Noi ragazze, nel 1969 vivevamo affascinate dalle minigonne di Mary Quant, litigavamo in casa per mettere dei jeans di due taglie più piccoli con sopra dei “minipull” che non coprivano l’ombelico, contestavamo nelle scuole e manifestavamo nei cortei con i lavoratori; eravamo già innamorate e facevamo i conti con i dilemmi di una sessualità che ci proponeva nuove libertà di scelta.
In mezzo a quella società in grandissimo fermento, piena d’idee, di novità, di speranze, l’esplosione della bomba è sembrata far crollare i ponti verso un mondo nuovo. Per un po’ tutto è diventato nero pece.
Abbiamo capito allora che non si stava scherzando e che quello che a noi sembrava il diritto della nostra gioventù a cambiare tutto, avrebbe trovato degli assassini come ostacoli. Forse è per quello che la nostra generazione è diventata quella che è diventata: non stiamo in un aggettivo, non stiamo in un apprezzamento e non stiamo in un insulto, ma comunque la si definisca abbiamo vissuto e incarnato quel cambiamento.

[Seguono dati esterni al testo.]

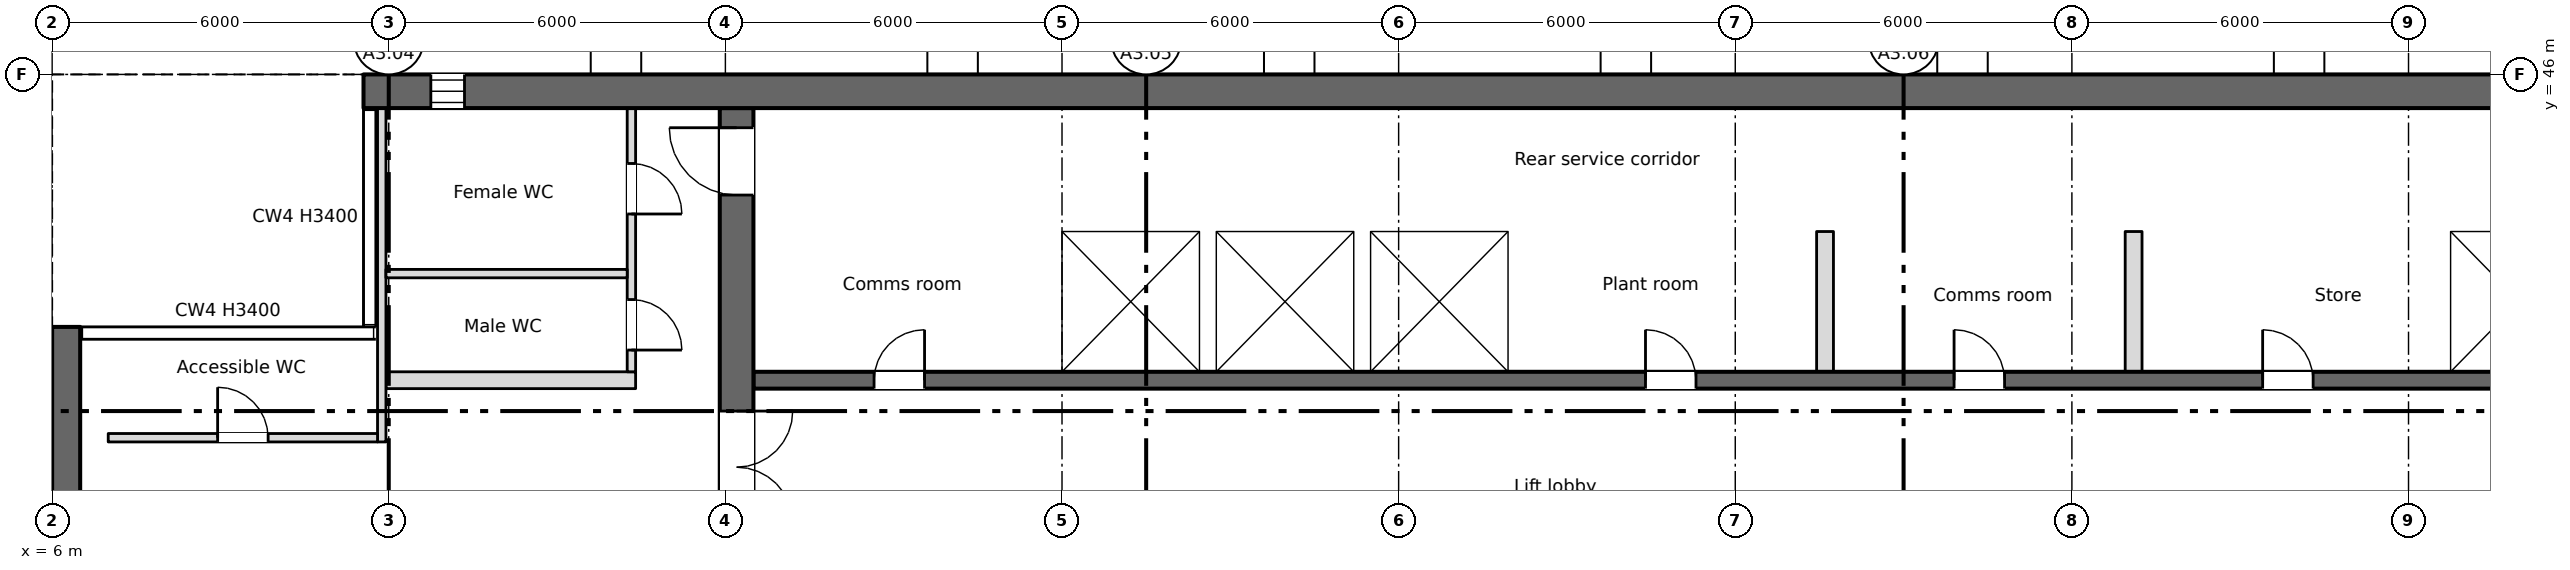
"""IFC4 building model, lengths in metres.
Left out: names, types, materials, properties, quantities, classifications, styles, units other than length and angle.
Written with IfcOpenShell. Run it as: python <this file> out.ifc"""

import sys

from ifc_helpers import new_model, si_unit, direction, frame, frame_2d, origin, place, context, subcontext, project, spatial, rectangle, extrude, element, fill, save


model = new_model("IFC4")
c1 = context("Model", 3, precision=1e-05, world=origin(), true_north=direction((0.0, 1.0)))
c2 = subcontext(c1, "Body", "Model", "MODEL_VIEW")
j1 = project(units=[si_unit("LENGTHUNIT", "METRE"), si_unit("PLANEANGLEUNIT", "RADIAN")], contexts=[c1])
p1 = place(None, origin())
s1 = spatial("IfcSite", under=j1, at=p1, CompositionType="ELEMENT")
p2 = place(p1, origin())
s2 = spatial("IfcBuilding", under=s1, at=p2, CompositionType="ELEMENT")
p3 = place(p2, frame((0.0, 0.0, 231.75)))
s3 = spatial("IfcBuildingStorey", under=s2, at=p3, CompositionType="ELEMENT", Elevation=231.75)
p4 = place(p3, frame((6.25, 8.5, 0.0), z_axis=(0.0, 0.0, 1.0), x_axis=(0.0, 1.0, 0.0)))
e1 = element("IfcWall", 1, at=p4, inside=s3, PredefinedType="SHEAR", context=c2, shape_type="SweptSolid", body=[
    extrude(rectangle(XDim=33.0, YDim=0.5, at=frame_2d((16.5, 0.0))), origin(), (0.0, 0.0, 1.0), 3.4),
])
p5 = place(p4, frame((1.2, 0.0, 0.6)))
e2 = element("IfcOpeningElement", 2, at=p5, cuts=e1, PredefinedType="OPENING", context=c2, shape_type="SweptSolid", body=[
    extrude(rectangle(XDim=0.6, YDim=2.4, at=frame_2d((0.3, 1.2))), frame((0.0, 0.26, 0.0), z_axis=(0.0, -1.0, 0.0), x_axis=(1.0, 0.0, 0.0)), (0.0, 0.0, 1.0), 0.52),
])
p6 = place(p4, frame((7.2, 0.0, 0.6)))
e3 = element("IfcOpeningElement", 3, at=p6, cuts=e1, PredefinedType="OPENING", context=c2, shape_type="SweptSolid", body=[
    extrude(rectangle(XDim=0.6, YDim=2.4, at=frame_2d((0.3, 1.2))), frame((0.0, 0.26, 0.0), z_axis=(0.0, -1.0, 0.0), x_axis=(1.0, 0.0, 0.0)), (0.0, 0.0, 1.0), 0.52),
])
p7 = place(p4, frame((13.2, 0.0, 0.6)))
e4 = element("IfcOpeningElement", 4, at=p7, cuts=e1, PredefinedType="OPENING", context=c2, shape_type="SweptSolid", body=[
    extrude(rectangle(XDim=0.6, YDim=2.4, at=frame_2d((0.3, 1.2))), frame((0.0, 0.26, 0.0), z_axis=(0.0, -1.0, 0.0), x_axis=(1.0, 0.0, 0.0)), (0.0, 0.0, 1.0), 0.52),
])
p8 = place(p3, frame((11.55, 45.7, 0.0), z_axis=(0.0, 0.0, 1.0), x_axis=(1.0, 0.0, 0.0)))
e5 = element("IfcWall", 5, at=p8, inside=s3, PredefinedType="SHEAR", context=c2, shape_type="SweptSolid", body=[
    extrude(rectangle(XDim=48.9, YDim=0.6, at=frame_2d((24.45, 0.0))), origin(), (0.0, 0.0, 1.0), 3.4),
])
p9 = place(p8, frame((1.2, 0.0, 0.6)))
e6 = element("IfcOpeningElement", 6, at=p9, cuts=e5, PredefinedType="OPENING", context=c2, shape_type="SweptSolid", body=[
    extrude(rectangle(XDim=0.6, YDim=2.4, at=frame_2d((0.3, 1.2))), frame((0.0, 0.31, 0.0), z_axis=(0.0, -1.0, 0.0), x_axis=(1.0, 0.0, 0.0)), (0.0, 0.0, 1.0), 0.62),
])
p10 = place(p3, frame((6.75, 28.4, 0.0), z_axis=(0.0, 0.0, 1.0), x_axis=(0.0, 1.0, 0.0)))
e7 = element("IfcWall", 7, at=p10, inside=s3, PredefinedType="SHEAR", context=c2, shape_type="SweptSolid", body=[
    extrude(rectangle(XDim=12.85, YDim=0.5, at=frame_2d((6.425, 0.0))), origin(), (0.0, 0.0, 1.0), 3.4),
])
p11 = place(p3, frame((18.2, 28.4, 0.0), z_axis=(0.0, 0.0, 1.0), x_axis=(0.0, 1.0, 0.0)))
e8 = element("IfcWall", 8, at=p11, inside=s3, PredefinedType="SHEAR", context=c2, shape_type="SweptSolid", body=[
    extrude(rectangle(XDim=17.0, YDim=0.6, at=frame_2d((8.5, 0.0))), origin(), (0.0, 0.0, 1.0), 3.4),
])
p12 = place(p11, frame((9.6, 0.0, 0.0)))
e9 = element("IfcOpeningElement", 9, at=p12, cuts=e8, PredefinedType="OPENING", context=c2, shape_type="SweptSolid", body=[
    extrude(rectangle(XDim=2.0, YDim=2.1, at=frame_2d((1.0, 1.05))), frame((0.0, 0.31, 0.0), z_axis=(0.0, -1.0, 0.0), x_axis=(1.0, 0.0, 0.0)), (0.0, 0.0, 1.0), 0.62),
])
p13 = place(p11, frame((15.45, 0.0, 0.0)))
e10 = element("IfcOpeningElement", 10, at=p13, cuts=e8, PredefinedType="OPENING", context=c2, shape_type="SweptSolid", body=[
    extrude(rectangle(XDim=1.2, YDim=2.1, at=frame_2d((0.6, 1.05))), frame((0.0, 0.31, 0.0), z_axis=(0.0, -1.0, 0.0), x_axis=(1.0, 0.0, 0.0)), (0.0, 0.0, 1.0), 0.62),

Dopo Piazza Fontana, di stragi ne abbiamo viste troppe abbiamo presto imparato e capire come si stava manipolando la verità, ma questa prima reazione delle forze della “reazione” a quello che stava succedendo nel 1969 in Italia, ci ha colto impreparate e ci ha lasciato stordite e incredule.
Si sono susseguiti giorni convulsi, tristissimi, arrabbiati. Hanno tentato di tutto per ricacciare ragazze e ragazzi nell’angolo, ma non ci sono riusciti. La verità purtroppo non ha ancora trionfato, ma noi abbiamo continuato a cercarla.
Sono passati 50 anni e noi siamo delle donne con molta vita alle spalle e molti ricordi. Quel 12 dicembre lo ricordiamo tutte e tutte sappiamo dove eravamo in quel momento… A studiare, a lavorare, a spasso, in giro per negozi (allora non si diceva fare shopping), o tra le braccia dell’amore del momento. Aprire questo angolo della memoria si trascina dietro nomi, facce, situazioni e ci fa del bene. Ricordare come eravamo aiuta sempre a capire non solo il passato, ma anche il nostro presente.